OS ESCRITORES SÃO FUNDAMENTAIS – A peça do húngaro Miklós László virou um roteiro magnífico nas mãos do competente Samson Raphaelson, autor também da peça que originou o primeiro filme falado, The Jazz Singer, e que trabalhou também com Alfred Hitchcok. Tudo funciona, numa intensidade crescente, em que nenhum minuto é jogado fora. O diretor Lubistch consegue a façanha de transformar os diálogos confinados a lugares fechados numa seqüência de planos no claro-escuro, de interpretações seguras e algumas geniais, como a do office-boy por William Tracy. “Sou o contato da loja”, diz ele para o médico. “Faço entregas de bicicleta”. Mas você é o mensageiro! replica o doutor. “Ei, não chamei você de açougueiro, chamei?”. Há ainda personagens presentes e fortes que jamais são mostrados, como a esposa traidora do dono e a esposa ciumenta de um dos funcionários.

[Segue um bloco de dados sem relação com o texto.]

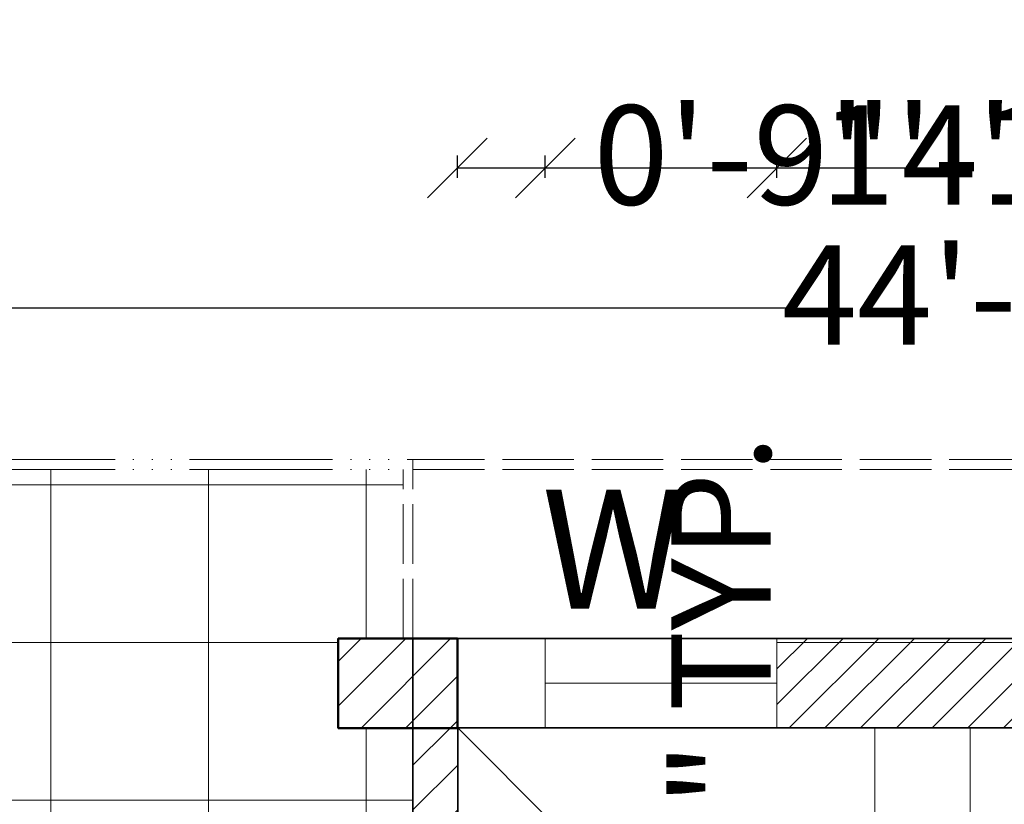
# Model space of a CAD drawing. Units: inches. Extents: x 2036 to 2670, y 319 to 920.
# Tile 10 of 15: x 2251 to 2350, y 841 to 920. Entities that reach past the tile are written whole.
import ezdxf

# ---------------------------------------------------------------- set-up
doc = ezdxf.new("R2010")
doc.units = ezdxf.units.IN
doc.linetypes.add('ACAD_ISO02W100', pattern=[15, 12, -3])
doc.linetypes.add('ACAD_ISO06W100', pattern=[36, 24, -3, 0, -3, 0, -3, 0, -3])
for name, color, linetype, lineweight in [('A-ANNO-DIMS', 2, 'Continuous', 18), ('A-ANNO-TEXT', 7, 'Continuous', 18), ('A-COLS', 7, 'Continuous', 50), ('A-FLOR-EDGE', 5, 'ACAD_ISO06W100', 13), ('A-FLOR-OVHD', 1, 'ACAD_ISO02W100', 13), ('A-FLOR-PATT', 8, 'Continuous', 9), ('A-FLOR-STRS', 7, 'Continuous', 18), ('A-GLAZ', 4, 'Continuous', 18), ('A-WALL', 7, 'Continuous', 35)]:
    doc.layers.add(name, color=color, linetype=linetype, lineweight=lineweight)
doc.layers.add('A-COLS-PATT', color=240, linetype='Continuous', lineweight=13, true_color=0xed1f24)
doc.layers.add('A-WALL-PATT', color=52, linetype='Continuous', lineweight=13, true_color=0xc8c92d)
doc.styles.get("Standard").update_dxf_attribs({"font": 'arial.ttf'})
doc.dimstyles.new('ISO-25', dxfattribs={"dimtxt": 10, "dimasz": 6, "dimexe": 1.25, "dimexo": 0.625, "dimtad": 0, "dimdec": 1, "dimlunit": 3, "dimtxsty": 'Standard', "dimblk": 'OBLIQUE', "dimcen": 2.5, "dimclrd": 94, "dimclre": 94, "dimclrt": 1, "dimadec": 0, "dimazin": 0, "dimtfac": 1, "dimtdec": 1, "dimtmove": 0, "dimatfit": 3, "dimfxl": 1, "dimfxlon": 1, "dimarcsym": 0})

# ---------------------------------------------------------------- blocks, each defined once
blk = doc.blocks.new('_Oblique')
at = {"color": 0, "linetype": 'ByBlock', "lineweight": -2}
blk.add_line((-0.5, -0.5), (0.5, 0.5), dxfattribs=at)
blk = doc.blocks.new('*D10')
at = {"layer": 'A-ANNO-DIMS', "color": 0, "lineweight": -2, "transparency": 16777216}
for p, q in [((2080.735, 889.933), (2080.735, 892.183)), ((2612.735, 889.933), (2612.735, 892.183)), ((2080.735, 890.933), (2328.733, 890.933)), ((2612.735, 890.933), (2364.737, 890.933))]:
    blk.add_line(p, q, dxfattribs=at)
at = {"layer": 'Defpoints', "color": 0, "transparency": 16777216}
for p in [(2612.735, 890.933), (2080.735, 875.685), (2612.735, 875.685)]:
    blk.add_point(p, dxfattribs=at)
at = {"layer": 'A-ANNO-DIMS', "color": 0, "lineweight": -2, "transparency": 16777216, "xscale": 6, "yscale": 6, "zscale": 6, "rotation": 180}
blk.add_blockref('_Oblique', (2080.735, 890.933), dxfattribs=at)
at = {"layer": 'A-ANNO-DIMS', "color": 0, "lineweight": -2, "transparency": 16777216, "xscale": 6, "yscale": 6, "zscale": 6}
blk.add_blockref('_Oblique', (2612.735, 890.933), dxfattribs=at)
at = {"layer": 'A-ANNO-DIMS', "color": 0, "transparency": 16777216, "insert": (2346.735, 890.933), "char_height": 10, "attachment_point": 5}
blk.add_mtext('44\'-4"', dxfattribs=at)
blk = doc.blocks.new('COL-9x12')
blk.add_lwpolyline([(9, 0), (0, 0), (0, 12), (9, 12)], close=True)
blk = doc.blocks.new('*D28')
at = {"layer": 'A-ANNO-DIMS', "color": 94, "lineweight": -2, "transparency": 16777216}
for p, q in [((2323.053, 811.014), (2323.053, 817.014)), ((2322.053, 811.014), (2324.303, 811.014)), ((2323.053, 792.789), (2323.053, 811.014)), ((2322.053, 792.789), (2324.303, 792.789))]:
    blk.add_line(p, q, dxfattribs=at)
at = {"layer": 'Defpoints', "color": 0, "transparency": 16777216}
for p in [(2320.167, 811.014), (2323.053, 811.014), (2320.167, 792.789)]:
    blk.add_point(p, dxfattribs=at)
at = {"layer": 'A-ANNO-DIMS', "color": 94, "lineweight": -2, "transparency": 16777216, "xscale": 6, "yscale": 6, "zscale": 6}
for p, rotation in [((2323.053, 811.014), 90), ((2323.053, 792.789), 270)]:
    blk.add_blockref('_Oblique', p, dxfattribs=dict(at, rotation=rotation))
at = {"layer": 'A-ANNO-DIMS', "color": 1, "transparency": 16777216, "insert": (2323.053, 847.645), "char_height": 10, "attachment_point": 5, "rotation": 90}
blk.add_mtext('1\'-6" TYP.', dxfattribs=at)
blk = doc.blocks.new('*D50')
at = {"layer": 'A-ANNO-DIMS', "color": 94, "lineweight": -2, "transparency": 16777216}
for p, q in [((2295.208, 904.035), (2295.208, 906.285)), ((2304.054, 904.035), (2304.054, 906.285)), ((2295.208, 905.035), (2304.054, 905.035)), ((2304.054, 905.035), (2310.054, 905.035))]:
    blk.add_line(p, q, dxfattribs=at)
at = {"layer": 'Defpoints', "color": 0, "transparency": 16777216}
for p in [(2304.054, 905.035), (2295.208, 857.663), (2304.054, 857.685)]:
    blk.add_point(p, dxfattribs=at)
at = {"layer": 'A-ANNO-DIMS', "color": 94, "lineweight": -2, "transparency": 16777216, "xscale": 6, "yscale": 6, "zscale": 6, "rotation": 180}
blk.add_blockref('_Oblique', (2295.208, 905.035), dxfattribs=at)
at = {"layer": 'A-ANNO-DIMS', "color": 94, "lineweight": -2, "transparency": 16777216, "xscale": 6, "yscale": 6, "zscale": 6}
blk.add_blockref('_Oblique', (2304.054, 905.035), dxfattribs=at)
at = {"layer": 'A-ANNO-DIMS', "color": 1, "transparency": 16777216, "insert": (2323.97, 905.035), "char_height": 10, "attachment_point": 5}
blk.add_mtext('0\'-9"', dxfattribs=at)
blk = doc.blocks.new('*D51')
at = {"layer": 'A-ANNO-DIMS', "color": 94, "lineweight": -2, "transparency": 16777216}
for p, q in [((2304.054, 904.035), (2304.054, 906.285)), ((2327.375, 904.035), (2327.375, 906.285)), ((2304.054, 905.035), (2327.375, 905.035)), ((2327.375, 905.035), (2333.375, 905.035))]:
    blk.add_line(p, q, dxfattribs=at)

Há muito mais o que dizer sobre este filme que deve ser visto todos os anos, obrigatoriamente, por todos. Ele nos civiliza, nos encanta, nos seduz, nos faz chorar com coisas que parecem quase nada. Podemos ver como o ódio se transforma em amor, como a brutalidade das relações vira um grande abraço, como uma festa vazia se enche de comunhão, como o desespero encontra consolo, como a solidão inventa uma saída, como a desesperança pode ser colocada de lado e no seu lugar brilhar a faísca de um coração que pulsa. Seja romântico, com Ernst Lubistch. O cara que, ao ser enterrado, dele disseram dois grandes cineastas, Billy Wilder e George Cukor (se não me engano). "Nunca mais Ernst Lubistch", disse um deles. "Pior", respondeu o outro. "Nunca mais filmes de Ernst Lubistch".

RETORNO - Imagem desta edição: James Stewart e Margaret Sullavan em "Shop around the corner", a sintaxe usada até o osso de todas as comédias românticas.